Júlio César com seus dedicados veteranos esta apto para colher o fruto maduro i é o poder Imperial, restabelecendo a monarquia.

Pois as elites estavam completamente corrompidas pelo luxo ou amolecidas.

Enquanto o povo, antes aguerrido, temos em Juvenal, passou a ser controlado pela política do 'panem et circenses'. Desde as vésperas da conquista de Cartago, pugnavam os plebeus - a gente comum - por um parte mais significativa no 'butim' ou saque que os romanos levavam aos povos vizinhos. Assim, no ano 123, sob Caio Graco, obtiveram a suprema igualdade e a redução do preço do trigo. E desde 59 pela lei Clódia, passam a ser alimentados pelo Estado, com a distribuição de rações de trigo. Desde então o Senado se sente completamente seguro. Pois o povo se acalma por completo, e abandona a arena da política.

Garantidos alguns diretos básicos e o alimento quotidiano acomodou-se a plebe.

Desde então puderam os líderes militares mais espertos, com a ajuda de suas tropas, exercer o poder sem quaisquer objeções.

Augusto foi um homem esperto, que soube colher os frutos semeados por seu tio, e em comunhão com a elite militar, completar as ansiadas conquistas e exercer um poder discreto. Foi o homem de seu tempo. Pois o declínio da República, iniciado por Mário e Sila, antecipou o caos que haveria de ser o século III d C, o qual teria antecipado o fim do Império. Prolongando-se indefinidamente o conflito entre os generais pelo comando supremo do Império. Os próprios militares do tempo de Augusto devem ter dado conta disto. No entanto nem o povo nem o senado estavam dispostos a lutar pelas antigas liberdades. Como as barrigas e os cofres estavam cheios tudo quanto eles queriam era paz e sossego ou estabilidade para gozar a vida. E como ninguém mais estivesse disposto a combater, os militares, juntamente com Augusto puderam assumir o poder, mantendo, ao menos em princípio as aparências.

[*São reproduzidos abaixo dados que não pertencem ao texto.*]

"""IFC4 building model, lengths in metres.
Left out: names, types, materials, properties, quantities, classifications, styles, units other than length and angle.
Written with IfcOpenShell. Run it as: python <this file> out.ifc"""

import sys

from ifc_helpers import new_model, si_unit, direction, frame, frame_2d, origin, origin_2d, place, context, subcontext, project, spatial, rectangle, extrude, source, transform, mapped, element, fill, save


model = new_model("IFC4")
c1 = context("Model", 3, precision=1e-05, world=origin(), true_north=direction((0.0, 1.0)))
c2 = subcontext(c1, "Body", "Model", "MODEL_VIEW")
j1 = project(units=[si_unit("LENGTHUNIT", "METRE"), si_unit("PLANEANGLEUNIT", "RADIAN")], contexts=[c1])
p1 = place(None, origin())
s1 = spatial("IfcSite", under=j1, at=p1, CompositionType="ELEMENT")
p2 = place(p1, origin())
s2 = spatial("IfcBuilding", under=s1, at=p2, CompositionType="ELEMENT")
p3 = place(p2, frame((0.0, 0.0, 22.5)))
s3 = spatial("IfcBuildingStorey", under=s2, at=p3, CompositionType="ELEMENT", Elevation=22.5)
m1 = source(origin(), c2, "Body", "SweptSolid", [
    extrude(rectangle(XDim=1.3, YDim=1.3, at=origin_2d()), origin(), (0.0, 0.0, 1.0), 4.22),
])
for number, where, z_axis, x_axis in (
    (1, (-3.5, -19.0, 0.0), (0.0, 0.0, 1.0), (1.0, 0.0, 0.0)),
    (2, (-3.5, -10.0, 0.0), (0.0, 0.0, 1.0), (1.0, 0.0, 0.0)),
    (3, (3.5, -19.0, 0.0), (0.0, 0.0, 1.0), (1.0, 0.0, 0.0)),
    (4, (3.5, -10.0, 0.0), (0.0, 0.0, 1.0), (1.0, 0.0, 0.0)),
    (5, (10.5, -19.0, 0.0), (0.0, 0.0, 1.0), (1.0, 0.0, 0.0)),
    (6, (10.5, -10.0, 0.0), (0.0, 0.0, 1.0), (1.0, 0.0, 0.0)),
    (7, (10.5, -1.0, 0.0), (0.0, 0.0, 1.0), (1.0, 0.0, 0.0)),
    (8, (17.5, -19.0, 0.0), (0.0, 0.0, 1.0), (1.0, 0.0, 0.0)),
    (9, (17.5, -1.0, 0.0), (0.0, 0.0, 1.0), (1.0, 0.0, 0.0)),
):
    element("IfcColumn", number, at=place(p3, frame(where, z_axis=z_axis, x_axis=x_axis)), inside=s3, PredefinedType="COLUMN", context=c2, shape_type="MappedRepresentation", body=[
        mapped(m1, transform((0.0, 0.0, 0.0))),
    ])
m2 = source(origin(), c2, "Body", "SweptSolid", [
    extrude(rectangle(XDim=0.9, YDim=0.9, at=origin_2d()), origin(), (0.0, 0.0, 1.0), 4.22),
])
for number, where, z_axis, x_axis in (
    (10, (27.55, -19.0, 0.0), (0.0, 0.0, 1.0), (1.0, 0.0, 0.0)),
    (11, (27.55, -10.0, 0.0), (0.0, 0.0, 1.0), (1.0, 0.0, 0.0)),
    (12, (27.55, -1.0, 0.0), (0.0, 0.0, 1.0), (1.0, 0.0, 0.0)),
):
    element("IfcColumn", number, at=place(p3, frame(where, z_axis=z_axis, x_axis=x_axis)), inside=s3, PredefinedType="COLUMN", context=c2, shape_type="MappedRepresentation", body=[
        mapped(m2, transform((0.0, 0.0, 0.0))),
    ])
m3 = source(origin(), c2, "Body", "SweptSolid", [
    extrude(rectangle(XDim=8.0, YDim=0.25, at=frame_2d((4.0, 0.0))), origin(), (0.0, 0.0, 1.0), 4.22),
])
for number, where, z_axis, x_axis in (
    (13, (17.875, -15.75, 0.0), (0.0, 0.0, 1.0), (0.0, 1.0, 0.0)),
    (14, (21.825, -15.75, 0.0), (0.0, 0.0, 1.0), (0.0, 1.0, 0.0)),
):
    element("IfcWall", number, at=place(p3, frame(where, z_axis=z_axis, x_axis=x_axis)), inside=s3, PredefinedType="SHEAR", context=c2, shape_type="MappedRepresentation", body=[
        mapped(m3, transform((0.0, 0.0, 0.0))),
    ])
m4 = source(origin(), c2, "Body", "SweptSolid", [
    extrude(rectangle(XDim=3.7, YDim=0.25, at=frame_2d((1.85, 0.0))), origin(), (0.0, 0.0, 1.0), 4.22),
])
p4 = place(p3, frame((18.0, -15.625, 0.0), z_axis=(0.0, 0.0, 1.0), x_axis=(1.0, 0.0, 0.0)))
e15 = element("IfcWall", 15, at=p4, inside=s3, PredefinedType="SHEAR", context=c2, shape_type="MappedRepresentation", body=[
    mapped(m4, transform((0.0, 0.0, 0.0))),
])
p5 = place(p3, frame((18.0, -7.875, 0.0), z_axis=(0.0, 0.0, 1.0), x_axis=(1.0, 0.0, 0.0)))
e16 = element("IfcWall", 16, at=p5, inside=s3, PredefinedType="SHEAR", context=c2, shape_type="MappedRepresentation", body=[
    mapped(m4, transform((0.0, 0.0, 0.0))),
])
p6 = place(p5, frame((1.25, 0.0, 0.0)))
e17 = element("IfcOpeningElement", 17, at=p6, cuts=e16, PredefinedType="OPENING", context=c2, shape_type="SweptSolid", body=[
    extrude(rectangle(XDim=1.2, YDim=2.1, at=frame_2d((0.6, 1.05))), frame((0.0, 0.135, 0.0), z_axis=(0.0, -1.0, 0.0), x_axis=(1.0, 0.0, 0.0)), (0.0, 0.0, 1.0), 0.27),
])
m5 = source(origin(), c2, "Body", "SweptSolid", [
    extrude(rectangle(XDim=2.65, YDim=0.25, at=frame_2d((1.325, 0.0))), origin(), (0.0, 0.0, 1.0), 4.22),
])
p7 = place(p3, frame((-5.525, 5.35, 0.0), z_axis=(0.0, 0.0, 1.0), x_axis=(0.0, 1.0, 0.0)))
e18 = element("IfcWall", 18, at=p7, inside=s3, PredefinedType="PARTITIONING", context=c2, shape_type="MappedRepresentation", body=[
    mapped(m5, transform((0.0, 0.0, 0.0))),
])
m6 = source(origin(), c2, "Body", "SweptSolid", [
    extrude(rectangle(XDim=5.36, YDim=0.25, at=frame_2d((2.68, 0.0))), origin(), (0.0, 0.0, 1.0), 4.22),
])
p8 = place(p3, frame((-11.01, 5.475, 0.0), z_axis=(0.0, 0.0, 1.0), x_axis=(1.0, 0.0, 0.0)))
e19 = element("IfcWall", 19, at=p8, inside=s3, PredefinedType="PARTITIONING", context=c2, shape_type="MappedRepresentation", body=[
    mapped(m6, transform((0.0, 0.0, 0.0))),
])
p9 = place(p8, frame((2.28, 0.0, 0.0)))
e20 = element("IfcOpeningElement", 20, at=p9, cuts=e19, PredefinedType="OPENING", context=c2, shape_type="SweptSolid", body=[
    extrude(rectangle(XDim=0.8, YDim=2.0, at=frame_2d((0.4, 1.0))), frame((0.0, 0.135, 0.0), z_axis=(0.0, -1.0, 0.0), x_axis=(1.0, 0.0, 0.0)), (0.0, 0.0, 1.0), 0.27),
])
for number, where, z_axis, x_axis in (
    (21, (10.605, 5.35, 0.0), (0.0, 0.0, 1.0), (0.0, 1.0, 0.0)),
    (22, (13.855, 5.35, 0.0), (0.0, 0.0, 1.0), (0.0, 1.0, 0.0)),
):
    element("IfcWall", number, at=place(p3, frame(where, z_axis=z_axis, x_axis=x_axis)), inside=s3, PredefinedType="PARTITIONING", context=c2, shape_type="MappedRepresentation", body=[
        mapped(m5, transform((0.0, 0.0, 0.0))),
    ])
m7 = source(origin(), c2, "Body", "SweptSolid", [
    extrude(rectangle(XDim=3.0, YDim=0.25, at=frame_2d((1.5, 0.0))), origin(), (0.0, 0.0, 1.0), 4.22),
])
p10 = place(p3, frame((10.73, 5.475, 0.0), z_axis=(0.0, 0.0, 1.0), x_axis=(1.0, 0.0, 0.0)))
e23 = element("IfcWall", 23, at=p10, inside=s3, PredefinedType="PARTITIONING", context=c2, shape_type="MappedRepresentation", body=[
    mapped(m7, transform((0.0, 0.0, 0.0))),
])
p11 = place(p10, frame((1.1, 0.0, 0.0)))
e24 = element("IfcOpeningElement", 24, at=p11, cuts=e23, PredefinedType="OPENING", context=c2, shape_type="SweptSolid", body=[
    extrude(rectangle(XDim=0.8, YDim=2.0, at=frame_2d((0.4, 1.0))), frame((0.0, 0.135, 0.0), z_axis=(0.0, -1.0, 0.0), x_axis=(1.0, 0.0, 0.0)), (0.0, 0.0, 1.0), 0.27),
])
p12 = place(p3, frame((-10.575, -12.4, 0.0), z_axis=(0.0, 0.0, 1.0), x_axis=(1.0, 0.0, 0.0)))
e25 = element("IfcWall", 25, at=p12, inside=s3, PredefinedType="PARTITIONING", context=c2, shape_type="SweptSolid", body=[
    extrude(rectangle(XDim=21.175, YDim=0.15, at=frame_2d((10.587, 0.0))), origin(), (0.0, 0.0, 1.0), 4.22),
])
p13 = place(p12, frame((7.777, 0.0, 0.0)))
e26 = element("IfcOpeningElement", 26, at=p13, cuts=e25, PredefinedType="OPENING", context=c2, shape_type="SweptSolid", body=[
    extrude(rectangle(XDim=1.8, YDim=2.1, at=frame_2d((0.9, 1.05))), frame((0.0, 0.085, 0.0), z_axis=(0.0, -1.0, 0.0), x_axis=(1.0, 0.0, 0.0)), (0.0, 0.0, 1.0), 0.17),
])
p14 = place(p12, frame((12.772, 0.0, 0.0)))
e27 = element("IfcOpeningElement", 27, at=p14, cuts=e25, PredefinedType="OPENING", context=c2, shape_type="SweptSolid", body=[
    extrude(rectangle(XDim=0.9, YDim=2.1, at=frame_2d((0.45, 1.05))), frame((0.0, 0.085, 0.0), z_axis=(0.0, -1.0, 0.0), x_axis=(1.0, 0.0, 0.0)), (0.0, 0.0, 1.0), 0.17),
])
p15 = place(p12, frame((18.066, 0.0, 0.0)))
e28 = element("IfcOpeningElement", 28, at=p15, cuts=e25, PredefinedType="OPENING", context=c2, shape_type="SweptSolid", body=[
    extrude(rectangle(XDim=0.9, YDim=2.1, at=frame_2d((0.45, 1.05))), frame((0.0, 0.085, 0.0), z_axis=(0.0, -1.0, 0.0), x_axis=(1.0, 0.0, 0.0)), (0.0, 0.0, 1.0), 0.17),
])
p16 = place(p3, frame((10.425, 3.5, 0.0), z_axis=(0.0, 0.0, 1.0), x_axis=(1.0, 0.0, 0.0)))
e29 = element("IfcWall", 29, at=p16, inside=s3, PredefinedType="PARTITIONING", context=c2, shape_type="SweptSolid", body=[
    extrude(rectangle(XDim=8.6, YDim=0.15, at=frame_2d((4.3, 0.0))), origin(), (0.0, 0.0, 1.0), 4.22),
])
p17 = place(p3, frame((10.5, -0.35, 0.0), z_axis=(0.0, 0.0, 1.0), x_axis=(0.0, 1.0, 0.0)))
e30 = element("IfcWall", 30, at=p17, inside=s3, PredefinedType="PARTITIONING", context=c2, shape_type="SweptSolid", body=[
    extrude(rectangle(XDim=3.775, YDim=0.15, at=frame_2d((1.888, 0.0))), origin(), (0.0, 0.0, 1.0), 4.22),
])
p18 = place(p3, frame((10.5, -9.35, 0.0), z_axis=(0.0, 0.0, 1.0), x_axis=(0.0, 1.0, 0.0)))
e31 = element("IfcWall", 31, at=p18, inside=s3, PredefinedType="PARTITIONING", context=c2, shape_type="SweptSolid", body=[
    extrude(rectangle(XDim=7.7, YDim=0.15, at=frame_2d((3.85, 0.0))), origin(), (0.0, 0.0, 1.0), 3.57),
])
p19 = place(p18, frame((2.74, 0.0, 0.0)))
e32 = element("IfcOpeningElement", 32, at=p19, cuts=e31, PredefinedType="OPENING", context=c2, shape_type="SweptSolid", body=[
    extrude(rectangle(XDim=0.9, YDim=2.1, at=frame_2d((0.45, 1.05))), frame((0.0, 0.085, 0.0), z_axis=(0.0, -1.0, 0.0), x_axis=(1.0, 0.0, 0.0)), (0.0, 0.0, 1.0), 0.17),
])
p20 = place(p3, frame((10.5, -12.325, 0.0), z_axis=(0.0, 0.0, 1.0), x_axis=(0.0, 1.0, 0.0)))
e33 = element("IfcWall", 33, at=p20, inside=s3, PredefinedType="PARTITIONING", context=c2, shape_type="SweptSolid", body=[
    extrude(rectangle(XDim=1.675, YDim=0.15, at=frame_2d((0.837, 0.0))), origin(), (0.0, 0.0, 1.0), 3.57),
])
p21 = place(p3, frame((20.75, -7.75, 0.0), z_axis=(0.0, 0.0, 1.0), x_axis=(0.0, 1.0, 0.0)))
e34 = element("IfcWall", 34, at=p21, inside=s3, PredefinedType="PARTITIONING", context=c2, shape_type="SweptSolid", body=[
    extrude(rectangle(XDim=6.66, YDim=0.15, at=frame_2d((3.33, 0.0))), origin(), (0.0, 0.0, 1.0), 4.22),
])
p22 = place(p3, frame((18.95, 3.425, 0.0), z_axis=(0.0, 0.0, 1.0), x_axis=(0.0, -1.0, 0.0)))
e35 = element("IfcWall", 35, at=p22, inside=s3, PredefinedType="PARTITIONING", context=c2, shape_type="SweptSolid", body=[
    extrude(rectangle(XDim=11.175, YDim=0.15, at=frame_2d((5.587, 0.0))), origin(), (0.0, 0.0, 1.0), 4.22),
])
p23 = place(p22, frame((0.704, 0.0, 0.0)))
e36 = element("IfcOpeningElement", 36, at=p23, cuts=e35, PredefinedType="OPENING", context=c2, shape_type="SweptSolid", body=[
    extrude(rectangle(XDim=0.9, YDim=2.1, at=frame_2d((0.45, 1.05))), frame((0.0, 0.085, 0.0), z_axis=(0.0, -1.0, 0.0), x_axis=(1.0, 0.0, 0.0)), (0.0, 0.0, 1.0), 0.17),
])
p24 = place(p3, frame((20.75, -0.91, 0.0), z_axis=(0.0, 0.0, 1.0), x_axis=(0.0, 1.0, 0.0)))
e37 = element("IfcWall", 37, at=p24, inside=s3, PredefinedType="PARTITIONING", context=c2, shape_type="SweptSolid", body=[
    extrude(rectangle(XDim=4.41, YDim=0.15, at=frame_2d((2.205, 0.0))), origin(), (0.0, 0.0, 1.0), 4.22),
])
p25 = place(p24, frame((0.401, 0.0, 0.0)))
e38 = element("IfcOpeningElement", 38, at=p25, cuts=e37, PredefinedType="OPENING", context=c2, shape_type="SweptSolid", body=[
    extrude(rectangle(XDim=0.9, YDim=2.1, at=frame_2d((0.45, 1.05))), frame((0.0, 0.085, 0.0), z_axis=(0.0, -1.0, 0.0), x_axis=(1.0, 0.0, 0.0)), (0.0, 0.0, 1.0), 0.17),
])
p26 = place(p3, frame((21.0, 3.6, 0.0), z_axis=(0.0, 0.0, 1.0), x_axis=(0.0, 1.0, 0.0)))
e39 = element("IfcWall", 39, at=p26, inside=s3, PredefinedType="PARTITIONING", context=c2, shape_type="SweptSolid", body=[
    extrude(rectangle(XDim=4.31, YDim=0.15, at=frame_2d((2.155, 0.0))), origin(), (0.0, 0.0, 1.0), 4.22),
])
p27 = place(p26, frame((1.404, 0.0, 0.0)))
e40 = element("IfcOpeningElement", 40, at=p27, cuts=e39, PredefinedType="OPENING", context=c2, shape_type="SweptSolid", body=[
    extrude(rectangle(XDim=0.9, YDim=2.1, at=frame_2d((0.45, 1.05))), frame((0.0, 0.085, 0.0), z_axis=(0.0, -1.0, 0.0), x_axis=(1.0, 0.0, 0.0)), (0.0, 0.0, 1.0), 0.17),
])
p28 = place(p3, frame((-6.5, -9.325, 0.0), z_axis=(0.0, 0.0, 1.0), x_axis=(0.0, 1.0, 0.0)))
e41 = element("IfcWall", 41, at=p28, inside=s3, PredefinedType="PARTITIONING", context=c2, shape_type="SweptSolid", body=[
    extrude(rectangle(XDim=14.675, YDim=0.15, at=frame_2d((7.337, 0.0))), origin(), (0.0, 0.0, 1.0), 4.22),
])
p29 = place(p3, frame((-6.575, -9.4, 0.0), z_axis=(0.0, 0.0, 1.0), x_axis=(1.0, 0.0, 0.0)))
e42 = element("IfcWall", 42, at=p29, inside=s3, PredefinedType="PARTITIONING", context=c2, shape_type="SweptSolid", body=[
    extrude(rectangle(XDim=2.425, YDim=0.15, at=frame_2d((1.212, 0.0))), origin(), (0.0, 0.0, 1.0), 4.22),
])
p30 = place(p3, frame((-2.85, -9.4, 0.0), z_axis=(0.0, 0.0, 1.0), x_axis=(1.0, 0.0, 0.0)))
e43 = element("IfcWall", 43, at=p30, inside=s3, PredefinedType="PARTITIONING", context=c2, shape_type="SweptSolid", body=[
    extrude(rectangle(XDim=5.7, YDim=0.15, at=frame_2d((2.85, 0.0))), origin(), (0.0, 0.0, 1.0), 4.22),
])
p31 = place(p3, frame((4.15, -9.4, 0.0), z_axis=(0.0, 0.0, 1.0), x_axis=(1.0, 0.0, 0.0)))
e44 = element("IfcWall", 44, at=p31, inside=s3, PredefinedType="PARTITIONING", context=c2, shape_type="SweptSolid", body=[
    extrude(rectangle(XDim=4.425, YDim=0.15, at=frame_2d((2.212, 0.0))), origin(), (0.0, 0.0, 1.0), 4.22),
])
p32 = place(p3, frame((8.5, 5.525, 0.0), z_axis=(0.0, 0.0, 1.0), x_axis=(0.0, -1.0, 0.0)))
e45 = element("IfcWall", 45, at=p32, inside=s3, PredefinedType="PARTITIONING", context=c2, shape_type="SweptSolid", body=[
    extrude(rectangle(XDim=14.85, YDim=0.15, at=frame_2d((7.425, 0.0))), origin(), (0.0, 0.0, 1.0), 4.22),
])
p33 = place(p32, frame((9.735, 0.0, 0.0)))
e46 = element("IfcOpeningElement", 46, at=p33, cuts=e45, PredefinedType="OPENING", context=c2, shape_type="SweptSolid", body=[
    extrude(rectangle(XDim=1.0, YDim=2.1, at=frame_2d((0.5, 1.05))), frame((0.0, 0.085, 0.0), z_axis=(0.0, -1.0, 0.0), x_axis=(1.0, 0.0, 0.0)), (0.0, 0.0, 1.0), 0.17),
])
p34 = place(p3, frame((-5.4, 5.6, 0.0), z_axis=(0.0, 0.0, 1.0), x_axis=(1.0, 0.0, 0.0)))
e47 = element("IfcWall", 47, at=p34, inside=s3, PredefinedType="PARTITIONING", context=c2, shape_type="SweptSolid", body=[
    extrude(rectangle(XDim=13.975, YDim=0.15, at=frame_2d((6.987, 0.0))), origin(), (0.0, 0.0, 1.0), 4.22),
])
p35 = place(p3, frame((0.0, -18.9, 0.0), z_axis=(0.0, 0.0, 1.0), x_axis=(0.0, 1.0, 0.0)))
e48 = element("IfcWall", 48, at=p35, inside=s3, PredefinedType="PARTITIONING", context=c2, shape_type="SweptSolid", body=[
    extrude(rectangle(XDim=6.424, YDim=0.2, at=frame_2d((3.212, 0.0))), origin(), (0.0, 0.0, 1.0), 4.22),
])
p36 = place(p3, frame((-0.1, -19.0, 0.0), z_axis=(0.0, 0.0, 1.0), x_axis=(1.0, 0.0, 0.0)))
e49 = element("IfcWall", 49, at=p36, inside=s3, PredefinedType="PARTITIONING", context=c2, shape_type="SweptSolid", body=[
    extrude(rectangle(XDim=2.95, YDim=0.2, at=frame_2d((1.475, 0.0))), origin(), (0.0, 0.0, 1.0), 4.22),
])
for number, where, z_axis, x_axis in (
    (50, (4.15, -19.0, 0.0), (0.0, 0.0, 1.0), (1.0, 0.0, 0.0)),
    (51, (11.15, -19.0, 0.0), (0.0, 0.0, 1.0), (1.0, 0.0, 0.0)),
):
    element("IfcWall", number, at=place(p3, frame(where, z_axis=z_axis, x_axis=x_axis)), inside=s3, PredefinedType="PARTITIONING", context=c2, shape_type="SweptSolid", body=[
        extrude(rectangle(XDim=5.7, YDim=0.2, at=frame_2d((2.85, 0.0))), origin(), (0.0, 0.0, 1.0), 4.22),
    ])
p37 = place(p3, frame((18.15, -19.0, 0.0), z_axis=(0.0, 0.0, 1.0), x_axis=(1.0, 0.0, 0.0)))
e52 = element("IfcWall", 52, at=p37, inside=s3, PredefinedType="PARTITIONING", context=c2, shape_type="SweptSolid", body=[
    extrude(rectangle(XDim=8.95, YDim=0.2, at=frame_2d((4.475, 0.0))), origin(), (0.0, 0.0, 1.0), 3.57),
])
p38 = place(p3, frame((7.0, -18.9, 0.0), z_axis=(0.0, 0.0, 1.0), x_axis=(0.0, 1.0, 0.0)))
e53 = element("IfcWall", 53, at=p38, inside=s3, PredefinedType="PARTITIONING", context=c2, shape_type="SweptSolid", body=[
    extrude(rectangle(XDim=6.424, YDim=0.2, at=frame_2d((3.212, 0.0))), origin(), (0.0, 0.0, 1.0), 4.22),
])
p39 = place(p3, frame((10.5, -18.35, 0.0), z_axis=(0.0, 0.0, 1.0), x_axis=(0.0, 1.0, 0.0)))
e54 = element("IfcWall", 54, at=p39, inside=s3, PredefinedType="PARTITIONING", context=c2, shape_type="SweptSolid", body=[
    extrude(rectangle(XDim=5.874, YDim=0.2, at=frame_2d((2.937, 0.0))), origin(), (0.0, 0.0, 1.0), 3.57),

A República havia declinado, indubitavelmente, mas não o poder romano. Pois por duzentos anos manteve-se o Império e até conquistou, em que pese a derrota de Teutberga, sob Varus. Ao menos até Cômodo, foi o Império um período de estabilidade e assim de recuperação, após o ocaso vergonhoso da República. Claro que não podemos compara-lo com os tempos dos Mânlios, dos Camilos ou dos Cipiões... No entanto após Mario, Cina, Sila, César, Crasso, Pompeu, Brutus e Cássio foi ele um refrigério.